The injury that stops you cycling, running or swimming hard today, if left untreated, is the same injury that will stop you walking to the shops in 25 years time. 

Take a common running injury for example like Achilles tendonitis. Hurts like heck when you run, but rest it for a bit and there's no pain at all when you're walking. If you hadn't run, you'd never even know there was a problem. 

Which is why your doctor will advise you to stop running. Unfortunately, your doctor is a moron. 

If you don't fix that Achilles after running's helpful early warning, then the same things that caused it to flare up while running (lower back tightness, excess quad dominance when running, weak hamstrings and glutes, tight hip flexors) won't get fixed either. In fact, they'll keep getting worse.

And eventually, they'll start causing problems when you walk. 

At which point your doctor will recommend a walking frame, allowing the weakened and overtight muscle chain causing the problem to get still weaker and tighter. 

Like I said, your doctor's a moron. 

Take the early warnings your training injuries uncover, work them back to full health with honest graft and stick a fat bullseye on your next PB.

Peak fitness tip #4: Get audacious with your finish line

Peak fitness at any ageExamine your injuries, they aren't caused by age. They're caused by under-use

In any race, there's always a finish line giving you a clear target to aim for. And the weird thing about set finish lines is how they affect energy and strength. 

Run a 50-miler and you won't even think about feeling tired until 30 miles or more.

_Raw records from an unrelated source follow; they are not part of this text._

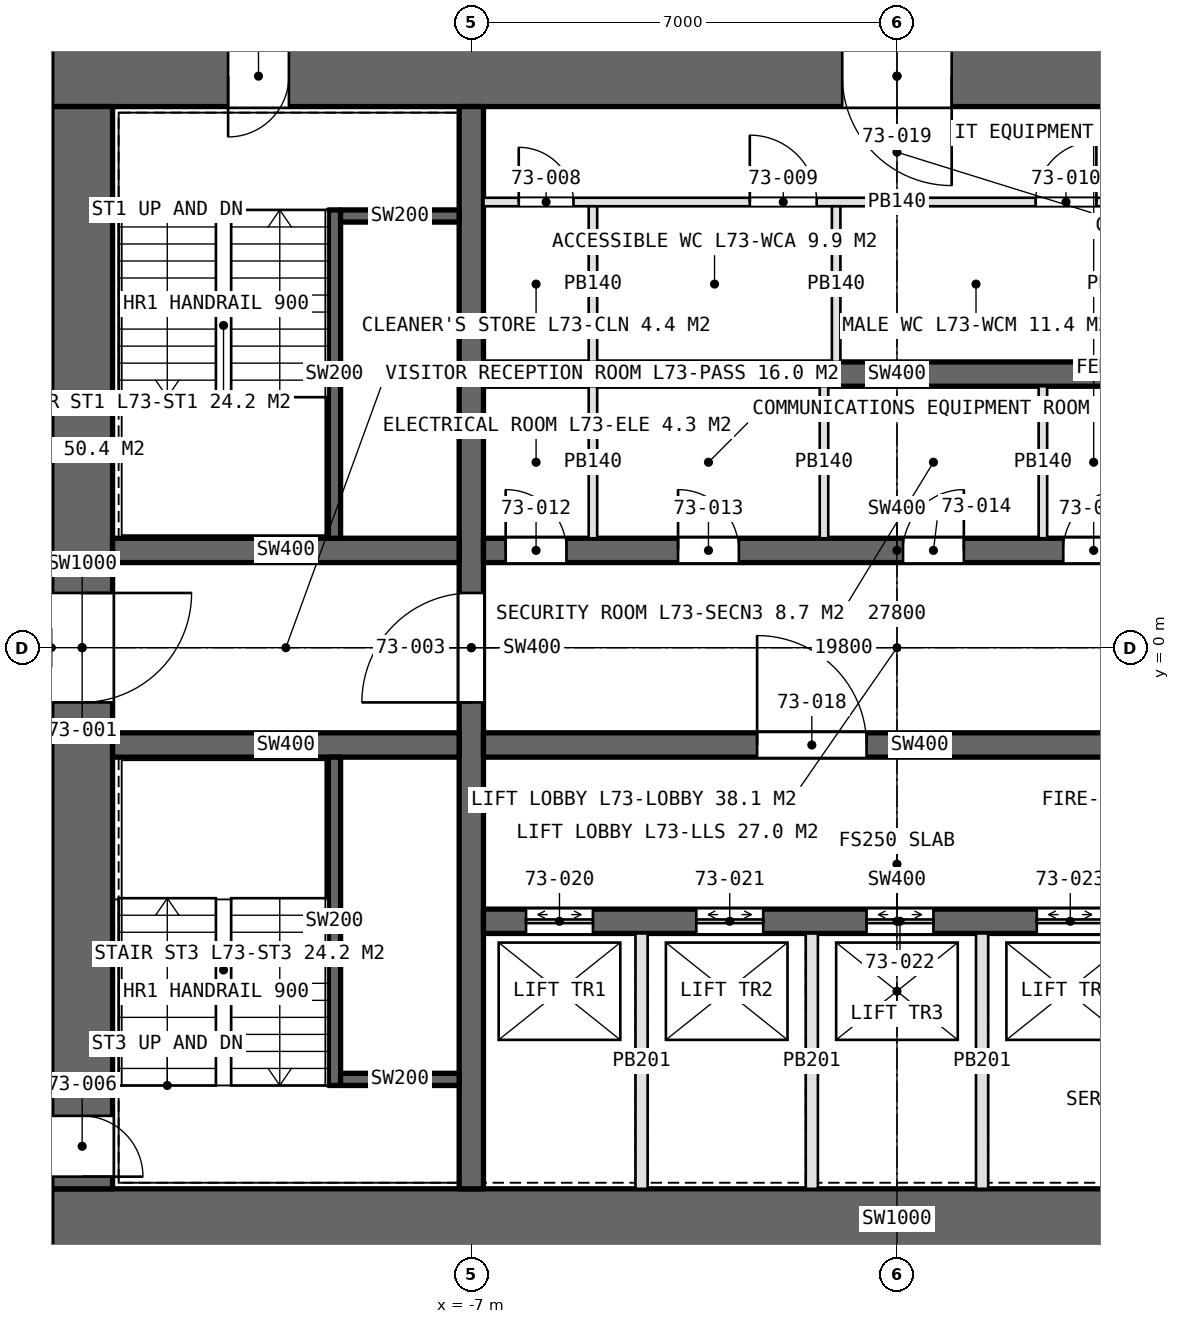
"""IFC4 building model, lengths in metres.
Left out: names, types, materials, properties, quantities, classifications, styles, units other than length and angle.
Written with IfcOpenShell. Run it as: python <this file> out.ifc"""

import sys

from ifc_helpers import new_model, si_unit, direction, frame, frame_2d, origin, place, context, subcontext, project, spatial, rectangle, extrude, element, fill, save


model = new_model("IFC4")
c1 = context("Model", 3, precision=1e-05, world=origin(), true_north=direction((0.0, 1.0)))
c2 = subcontext(c1, "Body", "Model", "MODEL_VIEW")
j1 = project(units=[si_unit("LENGTHUNIT", "METRE"), si_unit("PLANEANGLEUNIT", "RADIAN")], contexts=[c1])
p1 = place(None, origin())
s1 = spatial("IfcSite", under=j1, at=p1, CompositionType="ELEMENT")
p2 = place(p1, origin())
s2 = spatial("IfcBuilding", under=s1, at=p2, CompositionType="ELEMENT")
p3 = place(p2, frame((0.0, 0.0, 325.8)))
s3 = spatial("IfcBuildingStorey", under=s2, at=p3, CompositionType="ELEMENT", Elevation=325.8)
p4 = place(p3, frame((-13.9, -9.4, 0.0), z_axis=(0.0, 0.0, 1.0), x_axis=(1.0, 0.0, 0.0)))
e1 = element("IfcWall", 1, at=p4, inside=s3, PredefinedType="SHEAR", context=c2, shape_type="SweptSolid", body=[
    extrude(rectangle(XDim=27.8, YDim=1.0, at=frame_2d((13.9, 0.0))), origin(), (0.0, 0.0, 1.0), 4.2),
])
p5 = place(p4, frame((22.95, 0.0, 0.0)))
e2 = element("IfcOpeningElement", 2, at=p5, cuts=e1, PredefinedType="OPENING", context=c2, shape_type="SweptSolid", body=[
    extrude(rectangle(XDim=2.2, YDim=2.7, at=frame_2d((1.1, 1.35))), frame((0.0, 0.51, 0.0), z_axis=(0.0, -1.0, 0.0), x_axis=(1.0, 0.0, 0.0)), (0.0, 0.0, 1.0), 1.02),
])
p6 = place(p3, frame((13.9, 9.4, 0.0), z_axis=(0.0, 0.0, 1.0), x_axis=(-1.0, 0.0, 0.0)))
e3 = element("IfcWall", 3, at=p6, inside=s3, PredefinedType="SHEAR", context=c2, shape_type="SweptSolid", body=[
    extrude(rectangle(XDim=27.8, YDim=1.0, at=frame_2d((13.9, 0.0))), origin(), (0.0, 0.0, 1.0), 4.2),
])
p7 = place(p6, frame((23.9, 0.0, 0.0)))
e4 = element("IfcOpeningElement", 4, at=p7, cuts=e3, PredefinedType="OPENING", context=c2, shape_type="SweptSolid", body=[
    extrude(rectangle(XDim=1.0, YDim=2.4, at=frame_2d((0.5, 1.2))), frame((0.0, 0.51, 0.0), z_axis=(0.0, -1.0, 0.0), x_axis=(1.0, 0.0, 0.0)), (0.0, 0.0, 1.0), 1.02),
])
p8 = place(p6, frame((13.0, 0.0, 0.0)))
e5 = element("IfcOpeningElement", 5, at=p8, cuts=e3, PredefinedType="OPENING", context=c2, shape_type="SweptSolid", body=[
    extrude(rectangle(XDim=1.8, YDim=2.4, at=frame_2d((0.9, 1.2))), frame((0.0, 0.51, 0.0), z_axis=(0.0, -1.0, 0.0), x_axis=(1.0, 0.0, 0.0)), (0.0, 0.0, 1.0), 1.02),
])
p9 = place(p3, frame((-13.4, 8.9, 0.0), z_axis=(0.0, 0.0, 1.0), x_axis=(0.0, -1.0, 0.0)))
e6 = element("IfcWall", 6, at=p9, inside=s3, PredefinedType="SHEAR", context=c2, shape_type="SweptSolid", body=[
    extrude(rectangle(XDim=17.8, YDim=1.0, at=frame_2d((8.9, 0.0))), origin(), (0.0, 0.0, 1.0), 4.2),
])
p10 = place(p9, frame((8.0, 0.0, 0.0)))
e7 = element("IfcOpeningElement", 7, at=p10, cuts=e6, PredefinedType="OPENING", context=c2, shape_type="SweptSolid", body=[
    extrude(rectangle(XDim=1.8, YDim=2.4, at=frame_2d((0.9, 1.2))), frame((0.0, 0.51, 0.0), z_axis=(0.0, -1.0, 0.0), x_axis=(1.0, 0.0, 0.0)), (0.0, 0.0, 1.0), 1.02),
])
p11 = place(p9, frame((16.6, 0.0, 0.0)))
e8 = element("IfcOpeningElement", 8, at=p11, cuts=e6, PredefinedType="OPENING", context=c2, shape_type="SweptSolid", body=[
    extrude(rectangle(XDim=1.0, YDim=2.4, at=frame_2d((0.5, 1.2))), frame((0.0, 0.51, 0.0), z_axis=(0.0, -1.0, 0.0), x_axis=(1.0, 0.0, 0.0)), (0.0, 0.0, 1.0), 1.02),
])
p12 = place(p3, frame((-7.0, -8.9, 0.0), z_axis=(0.0, 0.0, 1.0), x_axis=(0.0, 1.0, 0.0)))
e9 = element("IfcWall", 9, at=p12, inside=s3, PredefinedType="SHEAR", context=c2, shape_type="SweptSolid", body=[
    extrude(rectangle(XDim=17.8, YDim=0.4, at=frame_2d((8.9, 0.0))), origin(), (0.0, 0.0, 1.0), 4.2),
])
p13 = place(p12, frame((8.0, 0.0, 0.0)))
e10 = element("IfcOpeningElement", 10, at=p13, cuts=e9, PredefinedType="OPENING", context=c2, shape_type="SweptSolid", body=[
    extrude(rectangle(XDim=1.8, YDim=2.4, at=frame_2d((0.9, 1.2))), frame((0.0, 0.21, 0.0), z_axis=(0.0, -1.0, 0.0), x_axis=(1.0, 0.0, 0.0)), (0.0, 0.0, 1.0), 0.42),
])
p14 = place(p3, frame((-6.8, 1.6, 0.0), z_axis=(0.0, 0.0, 1.0), x_axis=(1.0, 0.0, 0.0)))
e11 = element("IfcWall", 11, at=p14, inside=s3, PredefinedType="SHEAR", context=c2, shape_type="SweptSolid", body=[
    extrude(rectangle(XDim=13.6, YDim=0.4, at=frame_2d((6.8, 0.0))), origin(), (0.0, 0.0, 1.0), 4.2),
])
p15 = place(p14, frame((0.365, 0.0, 0.0)))
e12 = element("IfcOpeningElement", 12, at=p15, cuts=e11, PredefinedType="OPENING", context=c2, shape_type="SweptSolid", body=[
    extrude(rectangle(XDim=1.0, YDim=2.4, at=frame_2d((0.5, 1.2))), frame((0.0, 0.21, 0.0), z_axis=(0.0, -1.0, 0.0), x_axis=(1.0, 0.0, 0.0)), (0.0, 0.0, 1.0), 0.42),
])
p16 = place(p14, frame((3.2, 0.0, 0.0)))
e13 = element("IfcOpeningElement", 13, at=p16, cuts=e11, PredefinedType="OPENING", context=c2, shape_type="SweptSolid", body=[
    extrude(rectangle(XDim=1.0, YDim=2.4, at=frame_2d((0.5, 1.2))), frame((0.0, 0.21, 0.0), z_axis=(0.0, -1.0, 0.0), x_axis=(1.0, 0.0, 0.0)), (0.0, 0.0, 1.0), 0.42),
])
p17 = place(p14, frame((6.9, 0.0, 0.0)))
e14 = element("IfcOpeningElement", 14, at=p17, cuts=e11, PredefinedType="OPENING", context=c2, shape_type="SweptSolid", body=[
    extrude(rectangle(XDim=1.0, YDim=2.4, at=frame_2d((0.5, 1.2))), frame((0.0, 0.21, 0.0), z_axis=(0.0, -1.0, 0.0), x_axis=(1.0, 0.0, 0.0)), (0.0, 0.0, 1.0), 0.42),
])
p18 = place(p14, frame((9.535, 0.0, 0.0)))
e15 = element("IfcOpeningElement", 15, at=p18, cuts=e11, PredefinedType="OPENING", context=c2, shape_type="SweptSolid", body=[
    extrude(rectangle(XDim=1.0, YDim=2.4, at=frame_2d((0.5, 1.2))), frame((0.0, 0.21, 0.0), z_axis=(0.0, -1.0, 0.0), x_axis=(1.0, 0.0, 0.0)), (0.0, 0.0, 1.0), 0.42),
])
p19 = place(p14, frame((11.9, 0.0, 0.0)))
e16 = element("IfcOpeningElement", 16, at=p19, cuts=e11, PredefinedType="OPENING", context=c2, shape_type="SweptSolid", body=[
    extrude(rectangle(XDim=1.0, YDim=2.4, at=frame_2d((0.5, 1.2))), frame((0.0, 0.21, 0.0), z_axis=(0.0, -1.0, 0.0), x_axis=(1.0, 0.0, 0.0)), (0.0, 0.0, 1.0), 0.42),
])
p20 = place(p3, frame((-6.8, -1.6, 0.0), z_axis=(0.0, 0.0, 1.0), x_axis=(1.0, 0.0, 0.0)))
e17 = element("IfcWall", 17, at=p20, inside=s3, PredefinedType="SHEAR", context=c2, shape_type="SweptSolid", body=[
    extrude(rectangle(XDim=13.6, YDim=0.4, at=frame_2d((6.8, 0.0))), origin(), (0.0, 0.0, 1.0), 4.2),
])
p21 = place(p20, frame((11.9, 0.0, 0.0)))
e18 = element("IfcOpeningElement", 18, at=p21, cuts=e17, PredefinedType="OPENING", context=c2, shape_type="SweptSolid", body=[
    extrude(rectangle(XDim=1.0, YDim=2.4, at=frame_2d((0.5, 1.2))), frame((0.0, 0.21, 0.0), z_axis=(0.0, -1.0, 0.0), x_axis=(1.0, 0.0, 0.0)), (0.0, 0.0, 1.0), 0.42),
])
p22 = place(p20, frame((4.5, 0.0, 0.0)))
e19 = element("IfcOpeningElement", 19, at=p22, cuts=e17, PredefinedType="OPENING", context=c2, shape_type="SweptSolid", body=[
    extrude(rectangle(XDim=1.8, YDim=2.4, at=frame_2d((0.9, 1.2))), frame((0.0, 0.21, 0.0), z_axis=(0.0, -1.0, 0.0), x_axis=(1.0, 0.0, 0.0)), (0.0, 0.0, 1.0), 0.42),
])
p23 = place(p3, frame((-6.8, 4.5, 0.0), z_axis=(0.0, 0.0, 1.0), x_axis=(1.0, 0.0, 0.0)))
e20 = element("IfcWall", 20, at=p23, inside=s3, PredefinedType="SHEAR", context=c2, shape_type="SweptSolid", body=[
    extrude(rectangle(XDim=13.6, YDim=0.4, at=frame_2d((6.8, 0.0))), origin(), (0.0, 0.0, 1.0), 4.2),
])
p24 = place(p3, frame((-6.8, -4.5, 0.0), z_axis=(0.0, 0.0, 1.0), x_axis=(1.0, 0.0, 0.0)))
e21 = element("IfcWall", 21, at=p24, inside=s3, PredefinedType="SHEAR", context=c2, shape_type="SweptSolid", body=[
    extrude(rectangle(XDim=13.6, YDim=0.4, at=frame_2d((6.8, 0.0))), origin(), (0.0, 0.0, 1.0), 4.2),
])
p25 = place(p24, frame((0.7, 0.0, 0.0)))
e22 = element("IfcOpeningElement", 22, at=p25, cuts=e21, PredefinedType="OPENING", context=c2, shape_type="SweptSolid", body=[
    extrude(rectangle(XDim=1.1, YDim=2.4, at=frame_2d((0.55, 1.2))), frame((0.0, 0.21, 0.0), z_axis=(0.0, -1.0, 0.0), x_axis=(1.0, 0.0, 0.0)), (0.0, 0.0, 1.0), 0.42),
])
p26 = place(p24, frame((3.5, 0.0, 0.0)))
e23 = element("IfcOpeningElement", 23, at=p26, cuts=e21, PredefinedType="OPENING", context=c2, shape_type="SweptSolid", body=[
    extrude(rectangle(XDim=1.1, YDim=2.4, at=frame_2d((0.55, 1.2))), frame((0.0, 0.21, 0.0), z_axis=(0.0, -1.0, 0.0), x_axis=(1.0, 0.0, 0.0)), (0.0, 0.0, 1.0), 0.42),
])
p27 = place(p24, frame((6.3, 0.0, 0.0)))
e24 = element("IfcOpeningElement", 24, at=p27, cuts=e21, PredefinedType="OPENING", context=c2, shape_type="SweptSolid", body=[
    extrude(rectangle(XDim=1.1, YDim=2.4, at=frame_2d((0.55, 1.2))), frame((0.0, 0.21, 0.0), z_axis=(0.0, -1.0, 0.0), x_axis=(1.0, 0.0, 0.0)), (0.0, 0.0, 1.0), 0.42),
])
p28 = place(p24, frame((9.1, 0.0, 0.0)))
e25 = element("IfcOpeningElement", 25, at=p28, cuts=e21, PredefinedType="OPENING", context=c2, shape_type="SweptSolid", body=[
    extrude(rectangle(XDim=1.1, YDim=2.4, at=frame_2d((0.55, 1.2))), frame((0.0, 0.21, 0.0), z_axis=(0.0, -1.0, 0.0), x_axis=(1.0, 0.0, 0.0)), (0.0, 0.0, 1.0), 0.42),
])
for number, where, z_axis, x_axis in (
    (26, (-12.9, 1.6, 0.0), (0.0, 0.0, 1.0), (1.0, 0.0, 0.0)),
    (27, (-12.9, -1.6, 0.0), (0.0, 0.0, 1.0), (1.0, 0.0, 0.0)),
):
    element("IfcWall", number, at=place(p3, frame(where, z_axis=z_axis, x_axis=x_axis)), inside=s3, PredefinedType="SHEAR", context=c2, shape_type="SweptSolid", body=[
        extrude(rectangle(XDim=5.7, YDim=0.4, at=frame_2d((2.85, 0.0))), origin(), (0.0, 0.0, 1.0), 4.2),
    ])
p29 = place(p3, frame((-6.8, 7.33, 0.0), z_axis=(0.0, 0.0, 1.0), x_axis=(1.0, 0.0, 0.0)))
e28 = element("IfcWall", 28, at=p29, inside=s3, PredefinedType="PARTITIONING", context=c2, shape_type="SweptSolid", body=[
    extrude(rectangle(XDim=13.6, YDim=0.14, at=frame_2d((6.8, 0.0))), origin(), (0.0, 0.0, 1.0), 3.95),
])
p30 = place(p29, frame((0.58, 0.0, 0.0)))
e29 = element("IfcOpeningElement", 29, at=p30, cuts=e28, PredefinedType="OPENING", context=c2, shape_type="SweptSolid", body=[
    extrude(rectangle(XDim=0.9, YDim=2.4, at=frame_2d((0.45, 1.2))), frame((0.0, 0.08, 0.0), z_axis=(0.0, -1.0, 0.0), x_axis=(1.0, 0.0, 0.0)), (0.0, 0.0, 1.0), 0.16),
])
p31 = place(p29, frame((4.38, 0.0, 0.0)))
e30 = element("IfcOpeningElement", 30, at=p31, cuts=e28, PredefinedType="OPENING", context=c2, shape_type="SweptSolid", body=[
    extrude(rectangle(XDim=1.1, YDim=2.4, at=frame_2d((0.55, 1.2))), frame((0.0, 0.08, 0.0), z_axis=(0.0, -1.0, 0.0), x_axis=(1.0, 0.0, 0.0)), (0.0, 0.0, 1.0), 0.16),
])
p32 = place(p29, frame((9.08, 0.0, 0.0)))
e31 = element("IfcOpeningElement", 31, at=p32, cuts=e28, PredefinedType="OPENING", context=c2, shape_type="SweptSolid", body=[
    extrude(rectangle(XDim=1.0, YDim=2.4, at=frame_2d((0.5, 1.2))), frame((0.0, 0.08, 0.0), z_axis=(0.0, -1.0, 0.0), x_axis=(1.0, 0.0, 0.0)), (0.0, 0.0, 1.0), 0.16),
])
p33 = place(p29, frame((12.35, 0.0, 0.0)))
e32 = element("IfcOpeningElement", 32, at=p33, cuts=e28, PredefinedType="OPENING", context=c2, shape_type="SweptSolid", body=[
    extrude(rectangle(XDim=1.0, YDim=2.4, at=frame_2d((0.5, 1.2))), frame((0.0, 0.08, 0.0), z_axis=(0.0, -1.0, 0.0), x_axis=(1.0, 0.0, 0.0)), (0.0, 0.0, 1.0), 0.16),
])
for number, where, z_axis, x_axis in (
    (33, (-5.0, 4.7, 0.0), (0.0, 0.0, 1.0), (0.0, 1.0, 0.0)),
    (34, (-1.0, 4.7, 0.0), (0.0, 0.0, 1.0), (0.0, 1.0, 0.0)),
):
    element("IfcWall", number, at=place(p3, frame(where, z_axis=z_axis, x_axis=x_axis)), inside=s3, PredefinedType="PARTITIONING", context=c2, shape_type="SweptSolid", body=[
        extrude(rectangle(XDim=2.56, YDim=0.14, at=frame_2d((1.28, 0.0))), origin(), (0.0, 0.0, 1.0), 3.95),
    ])
for number, where, z_axis, x_axis in (
    (35, (-5.0, 1.8, 0.0), (0.0, 0.0, 1.0), (0.0, 1.0, 0.0)),
    (36, (-1.2, 1.8, 0.0), (0.0, 0.0, 1.0), (0.0, 1.0, 0.0)),
    (37, (2.4, 1.8, 0.0), (0.0, 0.0, 1.0), (0.0, 1.0, 0.0)),
):
    element("IfcWall", number, at=place(p3, frame(where, z_axis=z_axis, x_axis=x_axis)), inside=s3, PredefinedType="PARTITIONING", context=c2, shape_type="SweptSolid", body=[
        extrude(rectangle(XDim=2.5, YDim=0.14, at=frame_2d((1.25, 0.0))), origin(), (0.0, 0.0, 1.0), 3.95),
    ])
for number, where, z_axis, x_axis in (
    (38, (-4.2, -4.7, 0.0), (0.0, 0.0, 1.0), (0.0, -1.0, 0.0)),
    (39, (-1.4, -4.7, 0.0), (0.0, 0.0, 1.0), (0.0, -1.0, 0.0)),
    (40, (1.4, -4.7, 0.0), (0.0, 0.0, 1.0), (0.0, -1.0, 0.0)),
):
    element("IfcWall", number, at=place(p3, frame(where, z_axis=z_axis, x_axis=x_axis)), inside=s3, PredefinedType="PARTITIONING", context=c2, shape_type="SweptSolid", body=[
        extrude(rectangle(XDim=4.2, YDim=0.2, at=frame_2d((2.1, 0.0))), origin(), (0.0, 0.0, 1.0), 4.2),
    ])
p34 = place(p3, frame((-9.25, 7.2, 0.0), z_axis=(0.0, 0.0, 1.0), x_axis=(0.0, -1.0, 0.0)))
e41 = element("IfcWall", 41, at=p34, inside=s3, PredefinedType="SOLIDWALL", context=c2, shape_type="SweptSolid", body=[
    extrude(rectangle(XDim=5.4, YDim=0.2, at=frame_2d((2.7, 0.0))), origin(), (0.0, 0.0, 1.0), 4.2),
])
p35 = place(p3, frame((-9.15, 7.1, 0.0), z_axis=(0.0, 0.0, 1.0), x_axis=(1.0, 0.0, 0.0)))
e42 = element("IfcWall", 42, at=p35, inside=s3, PredefinedType="SOLIDWALL", context=c2, shape_type="SweptSolid", body=[
    extrude(rectangle(XDim=1.95, YDim=0.2, at=frame_2d((0.975, 0.0))), origin(), (0.0, 0.0, 1.0), 4.2),
])
p36 = place(p3, frame((-9.25, -7.2, 0.0), z_axis=(0.0, 0.0, 1.0), x_axis=(0.0, 1.0, 0.0)))
e43 = element("IfcWall", 43, at=p36, inside=s3, PredefinedType="SOLIDWALL", context=c2, shape_type="SweptSolid", body=[
    extrude(rectangle(XDim=5.4, YDim=0.2, at=frame_2d((2.7, 0.0))), origin(), (0.0, 0.0, 1.0), 4.2),
])
p37 = place(p3, frame((-9.15, -7.1, 0.0), z_axis=(0.0, 0.0, 1.0), x_axis=(1.0, 0.0, 0.0)))
e44 = element("IfcWall", 44, at=p37, inside=s3, PredefinedType="SOLIDWALL", context=c2, shape_type="SweptSolid", body=[
    extrude(rectangle(XDim=1.95, YDim=0.2, at=frame_2d((0.975, 0.0))), origin(), (0.0, 0.0, 1.0), 4.2),
])
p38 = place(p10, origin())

Yet with the same fitness levels, when you run a five-miler I bet you'll be feeling a bit tired at just four miles. All because you're near the finish.

The same the happens with the our perception of age and your approach here can be transformative.

Currently, average life expectancy in the UK is 79 for men and 83 for women. This makes it all too easy to think of popping your clogs at 80 as normal. Think like this and at 40 you're halfway (and onto the downward slope), at 50 you're beyond middle age, and at 60, heck, better start measuring up that coffin! 

But 80's only an average. In other news, the number of people living over 100 is soaring. 

Now if you assume 100 is your end game, not 80, 40 becomes positively youthful, 50 is barely halfway and 60 is still happily middle-aged.

Peak fitness at any age

"And next week I'm running across Paraguay to celebrate turning 137". If you want to reject middle age, choose your finish line and make it ambitious, don't let averages drag you down

If you're reading this you're clearly taking a positive interest in living to your full potential. You are already anything but average, so don't settle for that average finish line either. 

Here at 33 we're all putting our finish lines at 120, taking inspiration from the legendary Japanese doctor Shigeaki Hinohara who, aged 104 in 2016 set himself a target of being at the Tokyo Olympics in 2020 (spectating, not competing - even positive thinking has its limits.

He died a year later at 105 proving these goals are only that (in life as in in races DNFs are inevitable), but it's safe to bet his lofty finish line gave him a high quality 20-plus years above ground.

Peak fitness at any age: conclusion

Parting words go to the most excellent Charles Eugster, octogenarian bodybuilder and 90-year old sprint champion who memorably said "You can rebuild your body at any age, you can learn something new at any age, you can start a new life at any age"

Age and performance are all in the mind. So where will you set your goalposts?